Por influência do destino ou não. A família Pepe recebeu a visita de um “homem de Lisboa, que era ainda compadre” da mãe do tio Pepe. “O meu filho quer ir para Lisboa, diz que não quer estar aqui, disse a minha mãe. Diz o senhor: ele quer ir para a mercearia? Precisava lá de um rapaz para uma mercearia…”
“E, então… cheguei lá e, diz assim o patrão: Oh, Tonito, tu queres vir cá para a mercearia?”. “Então, eu fui lá para a mercearia”.

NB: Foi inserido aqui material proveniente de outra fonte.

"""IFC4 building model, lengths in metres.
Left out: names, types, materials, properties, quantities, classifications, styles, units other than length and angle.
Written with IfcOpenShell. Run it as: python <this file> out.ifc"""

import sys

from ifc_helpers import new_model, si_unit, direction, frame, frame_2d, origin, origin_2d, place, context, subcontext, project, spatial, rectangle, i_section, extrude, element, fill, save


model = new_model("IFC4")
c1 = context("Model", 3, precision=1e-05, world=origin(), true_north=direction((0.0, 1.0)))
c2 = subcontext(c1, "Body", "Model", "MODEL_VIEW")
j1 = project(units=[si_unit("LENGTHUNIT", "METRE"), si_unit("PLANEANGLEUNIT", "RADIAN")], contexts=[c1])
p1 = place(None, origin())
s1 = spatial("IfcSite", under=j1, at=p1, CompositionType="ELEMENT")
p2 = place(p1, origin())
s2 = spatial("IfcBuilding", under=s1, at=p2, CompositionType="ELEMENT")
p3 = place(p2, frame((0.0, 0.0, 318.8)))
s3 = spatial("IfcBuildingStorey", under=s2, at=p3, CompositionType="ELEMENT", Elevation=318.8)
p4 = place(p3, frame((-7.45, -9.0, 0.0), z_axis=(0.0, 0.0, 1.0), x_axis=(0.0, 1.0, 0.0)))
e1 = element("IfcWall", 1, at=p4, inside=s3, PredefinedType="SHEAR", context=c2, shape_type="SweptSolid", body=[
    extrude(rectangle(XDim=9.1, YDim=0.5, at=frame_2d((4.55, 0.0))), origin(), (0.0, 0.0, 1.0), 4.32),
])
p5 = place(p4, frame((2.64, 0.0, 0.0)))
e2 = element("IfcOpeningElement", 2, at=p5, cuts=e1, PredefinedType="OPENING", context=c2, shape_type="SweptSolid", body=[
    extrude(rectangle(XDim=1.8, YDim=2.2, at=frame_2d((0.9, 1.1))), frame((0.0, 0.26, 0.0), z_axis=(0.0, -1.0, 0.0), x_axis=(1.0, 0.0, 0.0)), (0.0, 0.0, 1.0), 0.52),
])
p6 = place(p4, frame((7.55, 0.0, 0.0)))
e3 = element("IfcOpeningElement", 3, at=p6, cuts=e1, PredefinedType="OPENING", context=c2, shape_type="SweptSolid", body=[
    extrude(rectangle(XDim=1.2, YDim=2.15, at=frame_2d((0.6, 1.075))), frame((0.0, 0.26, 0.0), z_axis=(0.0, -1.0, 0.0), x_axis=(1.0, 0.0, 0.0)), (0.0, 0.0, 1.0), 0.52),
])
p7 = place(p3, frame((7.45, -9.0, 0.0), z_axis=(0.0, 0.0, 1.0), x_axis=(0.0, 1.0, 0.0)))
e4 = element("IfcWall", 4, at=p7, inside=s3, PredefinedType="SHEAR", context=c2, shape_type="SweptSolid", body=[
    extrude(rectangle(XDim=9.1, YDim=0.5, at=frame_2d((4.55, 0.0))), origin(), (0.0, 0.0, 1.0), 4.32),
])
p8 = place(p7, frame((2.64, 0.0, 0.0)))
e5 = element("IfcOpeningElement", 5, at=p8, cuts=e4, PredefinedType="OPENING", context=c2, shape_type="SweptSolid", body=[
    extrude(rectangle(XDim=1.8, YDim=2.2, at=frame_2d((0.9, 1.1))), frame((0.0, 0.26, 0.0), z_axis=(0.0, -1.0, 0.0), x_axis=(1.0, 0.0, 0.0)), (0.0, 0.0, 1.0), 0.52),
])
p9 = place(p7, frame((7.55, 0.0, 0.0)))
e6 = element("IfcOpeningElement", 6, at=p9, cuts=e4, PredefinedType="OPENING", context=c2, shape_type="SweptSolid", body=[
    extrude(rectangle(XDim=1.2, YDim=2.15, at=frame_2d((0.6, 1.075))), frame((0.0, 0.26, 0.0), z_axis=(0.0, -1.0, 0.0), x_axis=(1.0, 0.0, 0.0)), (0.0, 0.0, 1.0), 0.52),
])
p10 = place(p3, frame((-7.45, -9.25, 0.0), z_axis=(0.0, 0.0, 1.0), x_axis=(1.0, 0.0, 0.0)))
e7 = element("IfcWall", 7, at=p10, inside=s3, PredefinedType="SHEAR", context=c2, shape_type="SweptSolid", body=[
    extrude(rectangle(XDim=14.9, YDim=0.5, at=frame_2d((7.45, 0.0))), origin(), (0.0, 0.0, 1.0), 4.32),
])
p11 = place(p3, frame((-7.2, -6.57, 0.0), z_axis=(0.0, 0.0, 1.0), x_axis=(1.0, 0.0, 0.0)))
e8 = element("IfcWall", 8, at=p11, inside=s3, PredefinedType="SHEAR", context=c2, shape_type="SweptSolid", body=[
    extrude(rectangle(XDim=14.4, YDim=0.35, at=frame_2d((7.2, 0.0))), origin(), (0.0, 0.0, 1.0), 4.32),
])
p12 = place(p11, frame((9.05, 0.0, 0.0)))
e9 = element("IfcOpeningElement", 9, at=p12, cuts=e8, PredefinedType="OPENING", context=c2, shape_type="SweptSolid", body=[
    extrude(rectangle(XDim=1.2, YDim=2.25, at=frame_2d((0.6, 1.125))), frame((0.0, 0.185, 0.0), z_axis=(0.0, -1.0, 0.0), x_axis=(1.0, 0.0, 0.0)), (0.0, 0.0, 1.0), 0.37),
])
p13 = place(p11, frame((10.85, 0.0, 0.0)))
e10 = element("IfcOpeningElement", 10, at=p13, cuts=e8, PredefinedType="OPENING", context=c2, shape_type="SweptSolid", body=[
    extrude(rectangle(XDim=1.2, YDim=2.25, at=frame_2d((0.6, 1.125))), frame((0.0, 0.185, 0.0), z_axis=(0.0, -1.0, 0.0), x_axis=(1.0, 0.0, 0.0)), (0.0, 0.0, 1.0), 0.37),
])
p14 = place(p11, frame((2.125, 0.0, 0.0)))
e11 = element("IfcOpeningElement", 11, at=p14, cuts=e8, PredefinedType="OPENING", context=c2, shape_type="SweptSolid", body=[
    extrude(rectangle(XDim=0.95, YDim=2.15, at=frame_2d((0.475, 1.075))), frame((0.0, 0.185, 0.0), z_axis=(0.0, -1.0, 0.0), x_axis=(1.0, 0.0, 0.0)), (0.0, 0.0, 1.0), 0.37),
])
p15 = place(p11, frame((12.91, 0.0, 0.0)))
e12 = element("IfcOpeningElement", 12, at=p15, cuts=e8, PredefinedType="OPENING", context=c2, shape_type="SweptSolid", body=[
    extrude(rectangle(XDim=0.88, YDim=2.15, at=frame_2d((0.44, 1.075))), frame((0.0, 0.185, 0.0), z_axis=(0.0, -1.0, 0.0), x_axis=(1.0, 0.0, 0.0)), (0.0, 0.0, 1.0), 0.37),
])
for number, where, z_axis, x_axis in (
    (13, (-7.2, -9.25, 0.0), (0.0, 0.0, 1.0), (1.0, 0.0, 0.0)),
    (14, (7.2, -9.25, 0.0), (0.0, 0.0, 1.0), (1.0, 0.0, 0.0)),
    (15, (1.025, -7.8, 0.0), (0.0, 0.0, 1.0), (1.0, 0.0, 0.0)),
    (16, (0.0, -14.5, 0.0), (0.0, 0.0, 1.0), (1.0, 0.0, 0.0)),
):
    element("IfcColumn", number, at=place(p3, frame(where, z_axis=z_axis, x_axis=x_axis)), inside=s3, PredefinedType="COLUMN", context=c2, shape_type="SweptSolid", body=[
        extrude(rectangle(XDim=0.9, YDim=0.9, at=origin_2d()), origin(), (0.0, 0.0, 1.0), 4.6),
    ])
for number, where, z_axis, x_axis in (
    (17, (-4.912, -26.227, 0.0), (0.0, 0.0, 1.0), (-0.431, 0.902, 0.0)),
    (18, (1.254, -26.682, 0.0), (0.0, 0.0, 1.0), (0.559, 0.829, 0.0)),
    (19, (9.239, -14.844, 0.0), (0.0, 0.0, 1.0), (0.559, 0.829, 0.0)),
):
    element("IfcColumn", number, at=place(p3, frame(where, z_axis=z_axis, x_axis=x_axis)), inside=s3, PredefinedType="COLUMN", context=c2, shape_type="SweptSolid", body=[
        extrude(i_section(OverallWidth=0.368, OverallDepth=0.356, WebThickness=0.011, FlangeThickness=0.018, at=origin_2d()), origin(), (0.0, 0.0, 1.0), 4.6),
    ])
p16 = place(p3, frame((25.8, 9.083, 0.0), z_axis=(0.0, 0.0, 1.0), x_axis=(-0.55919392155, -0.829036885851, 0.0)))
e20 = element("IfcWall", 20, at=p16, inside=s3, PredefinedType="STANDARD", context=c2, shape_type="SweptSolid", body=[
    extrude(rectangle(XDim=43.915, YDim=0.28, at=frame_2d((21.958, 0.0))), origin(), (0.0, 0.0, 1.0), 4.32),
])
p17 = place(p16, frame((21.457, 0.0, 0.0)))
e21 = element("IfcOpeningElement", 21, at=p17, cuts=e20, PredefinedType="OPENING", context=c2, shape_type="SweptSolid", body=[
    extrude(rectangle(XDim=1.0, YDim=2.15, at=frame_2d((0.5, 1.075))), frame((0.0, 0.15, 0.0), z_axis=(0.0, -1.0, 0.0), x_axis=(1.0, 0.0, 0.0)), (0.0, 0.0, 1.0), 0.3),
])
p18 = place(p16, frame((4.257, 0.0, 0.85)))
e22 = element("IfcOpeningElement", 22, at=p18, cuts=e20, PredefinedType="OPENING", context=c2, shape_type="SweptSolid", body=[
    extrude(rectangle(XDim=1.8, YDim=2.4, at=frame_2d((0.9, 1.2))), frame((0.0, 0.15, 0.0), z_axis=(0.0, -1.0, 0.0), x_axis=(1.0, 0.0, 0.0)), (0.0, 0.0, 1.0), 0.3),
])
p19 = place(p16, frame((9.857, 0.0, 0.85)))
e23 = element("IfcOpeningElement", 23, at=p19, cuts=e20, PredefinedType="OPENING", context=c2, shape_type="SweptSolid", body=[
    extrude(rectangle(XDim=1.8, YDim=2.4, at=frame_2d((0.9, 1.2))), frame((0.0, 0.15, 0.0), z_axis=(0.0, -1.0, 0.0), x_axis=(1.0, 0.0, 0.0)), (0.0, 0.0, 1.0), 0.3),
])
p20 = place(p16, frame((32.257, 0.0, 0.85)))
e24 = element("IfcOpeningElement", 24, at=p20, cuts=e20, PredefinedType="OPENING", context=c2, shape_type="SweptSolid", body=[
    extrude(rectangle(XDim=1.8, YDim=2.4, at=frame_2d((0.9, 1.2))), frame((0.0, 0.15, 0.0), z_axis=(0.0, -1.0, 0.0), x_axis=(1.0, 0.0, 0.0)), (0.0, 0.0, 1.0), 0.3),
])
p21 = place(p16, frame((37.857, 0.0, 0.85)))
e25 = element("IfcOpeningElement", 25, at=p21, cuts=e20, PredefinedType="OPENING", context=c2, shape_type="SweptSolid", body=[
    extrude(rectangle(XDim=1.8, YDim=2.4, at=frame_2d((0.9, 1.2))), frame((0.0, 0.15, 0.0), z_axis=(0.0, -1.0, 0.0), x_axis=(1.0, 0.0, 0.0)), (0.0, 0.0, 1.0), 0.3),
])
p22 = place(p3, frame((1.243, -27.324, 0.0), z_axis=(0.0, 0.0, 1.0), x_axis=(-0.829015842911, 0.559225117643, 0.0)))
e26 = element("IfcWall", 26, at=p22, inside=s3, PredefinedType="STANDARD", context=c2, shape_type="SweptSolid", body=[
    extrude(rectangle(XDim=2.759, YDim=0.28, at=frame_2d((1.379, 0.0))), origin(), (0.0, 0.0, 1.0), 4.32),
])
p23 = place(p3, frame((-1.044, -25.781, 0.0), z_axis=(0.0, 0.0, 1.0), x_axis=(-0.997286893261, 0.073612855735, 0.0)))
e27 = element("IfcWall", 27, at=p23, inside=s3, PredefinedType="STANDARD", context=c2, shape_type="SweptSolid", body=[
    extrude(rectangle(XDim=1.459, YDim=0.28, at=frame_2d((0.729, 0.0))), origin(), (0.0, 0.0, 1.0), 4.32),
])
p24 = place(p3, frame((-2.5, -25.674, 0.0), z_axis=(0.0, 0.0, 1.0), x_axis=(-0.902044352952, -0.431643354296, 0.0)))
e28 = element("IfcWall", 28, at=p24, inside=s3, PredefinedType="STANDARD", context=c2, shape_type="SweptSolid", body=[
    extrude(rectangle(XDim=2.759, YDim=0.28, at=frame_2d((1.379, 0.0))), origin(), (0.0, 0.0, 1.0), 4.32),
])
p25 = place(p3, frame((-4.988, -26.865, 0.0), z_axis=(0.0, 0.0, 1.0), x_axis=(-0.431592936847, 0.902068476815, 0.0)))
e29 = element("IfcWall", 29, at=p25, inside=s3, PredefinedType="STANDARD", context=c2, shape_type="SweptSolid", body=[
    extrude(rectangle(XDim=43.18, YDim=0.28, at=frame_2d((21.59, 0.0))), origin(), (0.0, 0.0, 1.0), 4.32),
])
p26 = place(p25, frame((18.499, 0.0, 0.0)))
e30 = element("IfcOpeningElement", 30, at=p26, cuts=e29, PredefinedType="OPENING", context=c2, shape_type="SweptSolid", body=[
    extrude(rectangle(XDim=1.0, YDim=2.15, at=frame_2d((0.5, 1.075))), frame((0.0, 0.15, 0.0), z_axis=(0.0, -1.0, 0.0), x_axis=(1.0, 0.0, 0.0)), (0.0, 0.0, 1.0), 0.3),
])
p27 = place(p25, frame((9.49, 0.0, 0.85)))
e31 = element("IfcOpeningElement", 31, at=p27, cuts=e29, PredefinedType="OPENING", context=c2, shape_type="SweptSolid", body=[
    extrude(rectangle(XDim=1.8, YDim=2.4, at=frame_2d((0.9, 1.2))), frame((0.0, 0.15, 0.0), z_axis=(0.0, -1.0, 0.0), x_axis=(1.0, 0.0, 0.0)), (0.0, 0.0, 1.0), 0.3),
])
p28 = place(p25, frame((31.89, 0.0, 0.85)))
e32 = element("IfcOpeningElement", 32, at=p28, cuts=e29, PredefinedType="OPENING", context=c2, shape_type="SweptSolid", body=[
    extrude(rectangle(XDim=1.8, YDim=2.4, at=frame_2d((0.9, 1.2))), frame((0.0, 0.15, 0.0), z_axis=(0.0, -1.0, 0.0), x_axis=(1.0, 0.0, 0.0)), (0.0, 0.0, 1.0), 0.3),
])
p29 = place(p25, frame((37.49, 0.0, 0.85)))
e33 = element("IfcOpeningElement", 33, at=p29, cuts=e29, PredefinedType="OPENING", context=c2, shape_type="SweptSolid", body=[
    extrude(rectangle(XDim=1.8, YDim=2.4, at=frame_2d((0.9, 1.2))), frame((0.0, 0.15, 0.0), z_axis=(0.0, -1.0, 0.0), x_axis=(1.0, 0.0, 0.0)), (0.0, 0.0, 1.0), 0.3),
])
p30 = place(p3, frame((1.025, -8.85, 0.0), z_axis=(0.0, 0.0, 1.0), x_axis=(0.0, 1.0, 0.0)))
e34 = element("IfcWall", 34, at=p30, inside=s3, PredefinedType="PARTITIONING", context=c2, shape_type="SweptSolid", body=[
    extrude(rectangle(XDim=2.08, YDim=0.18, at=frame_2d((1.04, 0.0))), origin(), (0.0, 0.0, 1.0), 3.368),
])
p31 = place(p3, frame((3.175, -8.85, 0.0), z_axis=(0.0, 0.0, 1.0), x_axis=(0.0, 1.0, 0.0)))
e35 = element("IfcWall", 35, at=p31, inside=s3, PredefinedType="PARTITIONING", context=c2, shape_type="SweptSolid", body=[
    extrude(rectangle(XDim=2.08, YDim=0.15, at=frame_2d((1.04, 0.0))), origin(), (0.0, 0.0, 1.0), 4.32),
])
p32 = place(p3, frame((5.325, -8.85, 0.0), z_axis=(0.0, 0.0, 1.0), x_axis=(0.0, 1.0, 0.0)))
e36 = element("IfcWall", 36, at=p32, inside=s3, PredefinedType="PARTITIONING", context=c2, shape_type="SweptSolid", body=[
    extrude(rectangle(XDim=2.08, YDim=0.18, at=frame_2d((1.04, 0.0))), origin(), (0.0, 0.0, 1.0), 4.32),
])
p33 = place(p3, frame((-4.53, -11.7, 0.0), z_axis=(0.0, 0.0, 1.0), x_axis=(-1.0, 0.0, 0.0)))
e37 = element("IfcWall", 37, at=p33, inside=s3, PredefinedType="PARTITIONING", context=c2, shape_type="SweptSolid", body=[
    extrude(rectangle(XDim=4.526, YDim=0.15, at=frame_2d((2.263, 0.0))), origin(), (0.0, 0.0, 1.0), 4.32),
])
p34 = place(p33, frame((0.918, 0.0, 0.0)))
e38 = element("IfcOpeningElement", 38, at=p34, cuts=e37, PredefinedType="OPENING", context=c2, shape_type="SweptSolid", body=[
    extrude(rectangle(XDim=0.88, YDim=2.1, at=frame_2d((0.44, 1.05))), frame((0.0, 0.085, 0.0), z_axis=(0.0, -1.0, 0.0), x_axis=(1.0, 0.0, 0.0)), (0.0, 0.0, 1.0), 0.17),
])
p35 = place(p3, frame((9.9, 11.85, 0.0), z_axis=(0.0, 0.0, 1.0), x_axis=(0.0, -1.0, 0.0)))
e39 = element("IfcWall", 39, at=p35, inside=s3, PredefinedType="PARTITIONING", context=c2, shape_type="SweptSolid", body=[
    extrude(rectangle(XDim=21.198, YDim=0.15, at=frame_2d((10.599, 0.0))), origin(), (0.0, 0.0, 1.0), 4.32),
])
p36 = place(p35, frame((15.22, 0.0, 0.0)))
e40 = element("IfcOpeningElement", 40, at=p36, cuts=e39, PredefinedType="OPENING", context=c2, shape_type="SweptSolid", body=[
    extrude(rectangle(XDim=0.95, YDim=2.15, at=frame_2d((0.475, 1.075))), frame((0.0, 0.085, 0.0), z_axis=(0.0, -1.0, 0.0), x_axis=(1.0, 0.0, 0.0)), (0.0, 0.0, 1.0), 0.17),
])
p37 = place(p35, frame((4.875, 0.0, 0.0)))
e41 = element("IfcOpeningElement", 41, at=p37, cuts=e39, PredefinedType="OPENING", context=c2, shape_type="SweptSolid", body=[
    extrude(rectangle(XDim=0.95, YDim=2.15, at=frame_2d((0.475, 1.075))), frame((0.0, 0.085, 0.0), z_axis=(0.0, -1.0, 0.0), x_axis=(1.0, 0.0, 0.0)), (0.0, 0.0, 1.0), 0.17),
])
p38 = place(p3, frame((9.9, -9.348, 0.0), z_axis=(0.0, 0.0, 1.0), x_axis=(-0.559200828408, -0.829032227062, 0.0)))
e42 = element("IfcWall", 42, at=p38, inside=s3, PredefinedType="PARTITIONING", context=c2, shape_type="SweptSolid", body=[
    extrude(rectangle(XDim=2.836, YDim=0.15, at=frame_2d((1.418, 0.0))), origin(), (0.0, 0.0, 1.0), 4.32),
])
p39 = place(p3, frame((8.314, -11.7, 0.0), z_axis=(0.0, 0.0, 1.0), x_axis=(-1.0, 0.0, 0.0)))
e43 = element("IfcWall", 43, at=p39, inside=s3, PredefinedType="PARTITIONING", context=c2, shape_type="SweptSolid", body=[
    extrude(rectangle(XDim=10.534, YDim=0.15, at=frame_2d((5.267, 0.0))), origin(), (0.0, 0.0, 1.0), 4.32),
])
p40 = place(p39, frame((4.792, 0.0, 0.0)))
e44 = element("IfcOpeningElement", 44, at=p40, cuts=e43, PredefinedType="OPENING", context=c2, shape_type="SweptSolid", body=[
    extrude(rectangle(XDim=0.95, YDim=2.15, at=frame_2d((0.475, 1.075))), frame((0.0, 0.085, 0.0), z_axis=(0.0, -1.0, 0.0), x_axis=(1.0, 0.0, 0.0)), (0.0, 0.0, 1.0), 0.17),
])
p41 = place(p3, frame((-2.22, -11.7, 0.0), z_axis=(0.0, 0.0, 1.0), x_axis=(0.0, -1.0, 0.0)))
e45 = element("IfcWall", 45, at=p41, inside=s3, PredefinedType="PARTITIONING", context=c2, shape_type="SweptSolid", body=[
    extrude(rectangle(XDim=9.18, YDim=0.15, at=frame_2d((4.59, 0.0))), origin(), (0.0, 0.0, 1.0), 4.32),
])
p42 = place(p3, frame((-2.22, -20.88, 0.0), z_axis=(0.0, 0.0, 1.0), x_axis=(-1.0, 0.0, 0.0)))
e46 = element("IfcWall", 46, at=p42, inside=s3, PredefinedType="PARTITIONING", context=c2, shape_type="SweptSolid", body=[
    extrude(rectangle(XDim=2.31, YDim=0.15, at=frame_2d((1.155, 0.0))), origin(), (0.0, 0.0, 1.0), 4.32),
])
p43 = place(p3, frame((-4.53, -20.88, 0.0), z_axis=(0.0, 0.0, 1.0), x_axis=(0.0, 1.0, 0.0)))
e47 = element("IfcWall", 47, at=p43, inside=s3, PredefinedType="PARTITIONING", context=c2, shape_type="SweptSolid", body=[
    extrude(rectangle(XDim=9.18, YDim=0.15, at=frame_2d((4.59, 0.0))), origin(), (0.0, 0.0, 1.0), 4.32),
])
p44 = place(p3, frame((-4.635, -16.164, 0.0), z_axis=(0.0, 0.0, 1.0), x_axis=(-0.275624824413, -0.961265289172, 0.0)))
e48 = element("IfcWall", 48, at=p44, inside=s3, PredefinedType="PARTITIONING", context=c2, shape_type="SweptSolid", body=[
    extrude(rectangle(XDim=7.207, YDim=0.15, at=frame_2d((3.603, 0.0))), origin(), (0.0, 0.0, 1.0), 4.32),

Porém, o emprego de António Pepe estava condenado. “Trazia sempre o dinheiro no bolso de trás e, à noite punha debaixo das tábuas da cama, só para não saberem que eu que o levava. Arranjei 4 contos e mandei-os para os meus pais, para comprarem uma junta de bois e, lá fiquei”, remata. Até que um dia… “diz assim o senhor: tem que sair daqui, porque a mercearia foi passada a uns senhores do Brasil”.
E, como diz a velha máxima “fecha-se uma porta, abre-se logo outra”. António Pepe, passado 8 dias encontrou a “Sapataria Oliveira, calça Lisboa inteira” e, lá ficou. “Depois, vi lá um homem com um casaco às costas todo enfarinhado e, depois disse assim: o meu amigo é padeiro?
– Sou. Sou amassador
Ah! Sabe, eu estava numa mercearia, mas agora não tenho trabalho, mas não me importava de ser padeiro. Disse assim o homem: vá lá ter com os meus patrões. Metem-no lá”.
Assim foi. “Estive lá… ainda entrei para a tropa. Na tropa era o 452”, diz-nos orgulhoso por ter dado nas vistas. A dada altura, “O tenente chama-me: oh, 452, então os colegas não me fazem continência e, és só tu?
- Oh, meu tenente eu chamo-os.
Oh, meninos andem cá. Então vocês não fazem continência ao tenente? Qualquer dia vão todos para a cadeia.
Ora, não passava um que não fizesse continência e, disse assim o tenente: Anda cá 452. Tu queres ir à tua terra? – Meu tenente, se me der autorização. Fui 15 dias à terra e, depois voltei”.
Terminada a tropa. O tio Pepe foi, novamente bafejado, com uma oferta de trabalho. “Diz assim um senhor: Oh, meu amigo você quer ganhar dinheiro?”
E, mais uma vez o tio Pepe não negou a oferta. “Oh, meu amigo, se quero. Eu não tenho dinheiro nenhum, saí da tropa”, respondeu.
“Então você vai um mês para um escritório que a gente tem” e, lá ficou.
Aos 80 anos, veio para a sua terra natal e deixou a vida de taxista, que exerceu desde 1930 a 1993. “Lá fui muito querido”, refere com alguma nostalgia.

“Naquele tempo, para se arranjar um conto de réis para pagar uma letra dos carros fartava-me de trabalhar”

Aos 66 anos de idade ficou viúvo. “Namorei 3 anos com ela. Nunca lhe dei um beijo se não quando me casei”. Hoje vive, com Olívia Simões, já “tem 17 anos comigo”.
Defensor de que hoje se está “a viver melhor”, aponta a sua vida como “cruel”. “Naquele tempo, para se arranjar um conto de réis para pagar uma letra dos carros fartava-me de trabalhar”.
Aos mais novos diz-lhes para não fumarem que é um veneno e, para não beberem enquanto trabalham. Talvez, seja esta a chave da longevidade. O que é certo é que António Pepe é uma verdadeira força da natureza, alegre, bem-disposto e com um coração enorme. É o orgulho dos seus sobrinhos e amigos. Um exemplo de vida.